We need “stealth mode” more than ever because the aforementioned traditional strategies no longer suffice. They are too reactive, intended to “shoot down” adversaries when we see them. But, even with the fastest and most agile “interceptors” (i.e. threat signatures, attacker dossiers and nimble security teams), the bad guys will always hold the upper hand because they are frequently launching attacks against known, visible assets staked-out on a conventional or online battlefield. A “shoot down” game plan cannot possibly scale to the volume of attacks today.
That’s why agencies must apply a thick coat of camouflage over their attack surface. They need to improve visibility while automating threat response at the edge of the network with in-line apps that are cannot be seen because they have no IP or media access control addresses. Thus, when they identify malicious traffic, they can redirect, block and otherwise deactivate it.
Then, as with our Ghost Army, stealth defense controls will create fake “doors” that look like they will take hackers to the data “crown jewels”, but actually lead to another fake door, and then another, and another … The hackers get confused and frustrated. They realize this will not be a quick job with an easy exit.” They exhaust their resources in classic “delay and degrade” fashion. They conclude that they don’t want to target this particular agency again. At the same time, the agency IT team is watching their every step, gaining valuable knowledge about their intent and techniques.
Even better, the agency’s users go about their business without interruption. Since stealth works with a minimal footprint, there is virtually no impact on productivity. This is what we call NetSecOps, an ideal state in which security is integrated into every cycle of network operations and real-time, intelligence-based analytics expose hackers at the earliest possible times without affecting users’ ability to accomplish needed, strategic goals or daily tasks.
So how do agencies get to this state? By developing a stealth strategy that includes the following key components:
- Indicator support: Solutions have to oversee and support, in most cases, more than 750,000 indicators. Indicator support ensures the analytics of threat data that is infused into intrusion detection systems and intrusion prevention systems so teams act actively instead of passively, and protect at the speed of incidents.

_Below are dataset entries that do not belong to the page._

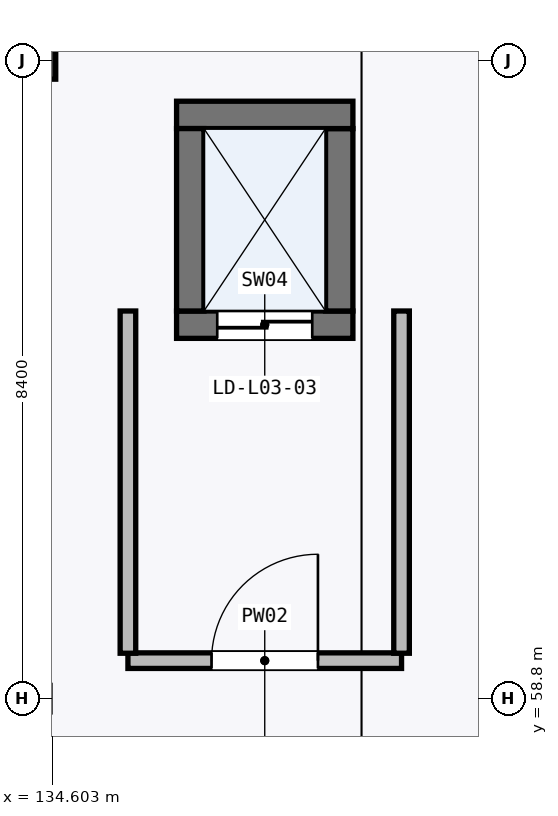
"""IFC4 building model, lengths in metres.
Left out: names, types, materials, properties, quantities, classifications, styles, units other than length and angle.
Written with IfcOpenShell. Run it as: python <this file> out.ifc"""

import sys

from ifc_helpers import new_model, si_unit, direction, frame, frame_2d, origin, origin_2d, place, context, subcontext, project, spatial, rectangle, hollow_rectangle, extrude, element, fill, save


model = new_model("IFC4")
c1 = context("Model", 3, precision=1e-05, world=origin(), true_north=direction((0.0, 1.0)))
c2 = subcontext(c1, "Body", "Model", "MODEL_VIEW")
j1 = project(units=[si_unit("LENGTHUNIT", "METRE"), si_unit("PLANEANGLEUNIT", "RADIAN")], contexts=[c1])
p1 = place(None, origin())
s1 = spatial("IfcSite", under=j1, at=p1, CompositionType="ELEMENT")
p2 = place(p1, origin())
s2 = spatial("IfcBuilding", under=s1, at=p2, CompositionType="ELEMENT")
p3 = place(p2, frame((0.0, 0.0, 11.4)))
s3 = spatial("IfcBuildingStorey", under=s2, at=p3, CompositionType="ELEMENT", Elevation=11.4)
p4 = place(p3, frame((134.4, 67.2, 0.0), z_axis=(0.0, 0.0, 1.0), x_axis=(1.0, 0.0, 0.0)))
e1 = element("IfcColumn", 1, at=p4, inside=s3, PredefinedType="COLUMN", context=c2, shape_type="SweptSolid", body=[
    extrude(hollow_rectangle(XDim=0.5, YDim=0.5, WallThickness=0.02, at=origin_2d()), origin(), (0.0, 0.0, 1.0), 5.1),
])
p5 = place(p3, frame((136.24, 63.72, 0.0), z_axis=(0.0, 0.0, 1.0), x_axis=(1.0, 0.0, 0.0)))
e2 = element("IfcWall", 2, at=p5, inside=s3, PredefinedType="SHEAR", context=c2, shape_type="SweptSolid", body=[
    extrude(rectangle(XDim=2.32, YDim=0.36, at=frame_2d((1.16, 0.0))), origin(), (0.0, 0.0, 1.0), 4.845),
])
p6 = place(p5, frame((0.535, 0.0, 0.0)))
e3 = element("IfcOpeningElement", 3, at=p6, cuts=e2, PredefinedType="OPENING", context=c2, shape_type="SweptSolid", body=[
    extrude(rectangle(XDim=1.25, YDim=2.2, at=frame_2d((0.625, 1.1))), frame((0.0, 0.19, 0.0), z_axis=(0.0, -1.0, 0.0), x_axis=(1.0, 0.0, 0.0)), (0.0, 0.0, 1.0), 0.38),
])
p7 = place(p3, frame((138.38, 63.9, 0.0), z_axis=(0.0, 0.0, 1.0), x_axis=(0.0, 1.0, 0.0)))
e4 = element("IfcWall", 4, at=p7, inside=s3, PredefinedType="SHEAR", context=c2, shape_type="SweptSolid", body=[
    extrude(rectangle(XDim=2.4, YDim=0.36, at=frame_2d((1.2, 0.0))), origin(), (0.0, 0.0, 1.0), 4.845),
])
p8 = place(p3, frame((138.56, 66.48, 0.0), z_axis=(0.0, 0.0, 1.0), x_axis=(-1.0, 0.0, 0.0)))
e5 = element("IfcWall", 5, at=p8, inside=s3, PredefinedType="SHEAR", context=c2, shape_type="SweptSolid", body=[
    extrude(rectangle(XDim=2.32, YDim=0.36, at=frame_2d((1.16, 0.0))), origin(), (0.0, 0.0, 1.0), 4.845),
])
p9 = place(p3, frame((136.42, 66.3, 0.0), z_axis=(0.0, 0.0, 1.0), x_axis=(0.0, -1.0, 0.0)))
e6 = element("IfcWall", 6, at=p9, inside=s3, PredefinedType="SHEAR", context=c2, shape_type="SweptSolid", body=[
    extrude(rectangle(XDim=2.4, YDim=0.36, at=frame_2d((1.2, 0.0))), origin(), (0.0, 0.0, 1.0), 4.845),
])
p10 = place(p3, frame((135.6, 59.3, 0.0), z_axis=(0.0, 0.0, 1.0), x_axis=(1.0, 0.0, 0.0)))
e7 = element("IfcWall", 7, at=p10, inside=s3, PredefinedType="PARTITIONING", context=c2, shape_type="SweptSolid", body=[
    extrude(rectangle(XDim=3.6, YDim=0.205, at=frame_2d((1.8, 0.0))), origin(), (0.0, 0.0, 1.0), 4.845),
])
p11 = place(p10, frame((1.1, 0.0, 0.0)))
e8 = element("IfcOpeningElement", 8, at=p11, cuts=e7, PredefinedType="OPENING", context=c2, shape_type="SweptSolid", body=[
    extrude(rectangle(XDim=1.4, YDim=2.15, at=frame_2d((0.7, 1.075))), frame((0.0, 0.113, 0.0), z_axis=(0.0, -1.0, 0.0), x_axis=(1.0, 0.0, 0.0)), (0.0, 0.0, 1.0), 0.225),
])
for number, where, z_axis, x_axis in (
    (9, (139.2, 59.397, 0.0), (0.0, 0.0, 1.0), (0.0, 1.0, 0.0)),
    (10, (135.6, 63.9, 0.0), (0.0, 0.0, 1.0), (0.0, -1.0, 0.0)),
):
    element("IfcWall", number, at=place(p3, frame(where, z_axis=z_axis, x_axis=x_axis)), inside=s3, PredefinedType="PARTITIONING", context=c2, shape_type="SweptSolid", body=[
        extrude(rectangle(XDim=4.502, YDim=0.205, at=frame_2d((2.251, 0.0))), origin(), (0.0, 0.0, 1.0), 4.845),
    ])
p12 = place(p6, frame((1.25, 0.0, 0.0), z_axis=(0.0, 0.0, 1.0), x_axis=(-1.0, 0.0, 0.0)))
e11 = element("IfcDoor", 11, at=p12, inside=s3, OperationType="DOUBLE_DOOR_SLIDING", PredefinedType="DOOR", context=c2, shape_type="SweptSolid", body=[
    extrude(rectangle(XDim=1.25, YDim=2.2, at=frame_2d((0.625, 1.1))), frame((0.0, 0.025, 0.0), z_axis=(0.0, -1.0, 0.0), x_axis=(1.0, 0.0, 0.0)), (0.0, 0.0, 1.0), 0.05),
])
fill(e3, e11)
p13 = place(p11, origin())
e12 = element("IfcDoor", 12, at=p13, inside=s3, OperationType="SINGLE_SWING_RIGHT", PredefinedType="DOOR", context=c2, shape_type="SweptSolid", body=[
    extrude(rectangle(XDim=1.4, YDim=2.15, at=frame_2d((0.7, 1.075))), frame((0.0, 0.025, 0.0), z_axis=(0.0, -1.0, 0.0), x_axis=(1.0, 0.0, 0.0)), (0.0, 0.0, 1.0), 0.05),
])
fill(e8, e12)
save(model, sys.argv[1])

- Integrated threat intelligence feeds: This refers to analysis from multiple data sources and locations at the speed of incidents, with IT teams immediately acting upon the information by launching defensive and/or offensive countermeasures.
- IP address filtering: With filtering, organizations shrink and gain granular control of their attack surface, while fortifying their critical network infrastructure from potentially harmful activity.
Long before World War II, Shakespeare observed that “All the world’s a stage.” The Ghost Army knew this—Hollywood star and decorated naval officer Douglas Fairbanks Jr. is considered one of the originators of the concept. Three-quarters of a century later, we recognize that while so much has changed, much remains the same. Adversaries watch our networks and systems as if they were sitting in a theater. To thwart them, agencies must “build a set” of phony scenery in the form of mock targets, while shielding real monitoring applications “behind the curtain.” After they’ve had enough of fumbling and stumbling within it all, the adversaries will swiftly “leave the show” and look for another victim, departing with our agency digital assets intact and operations unaffected.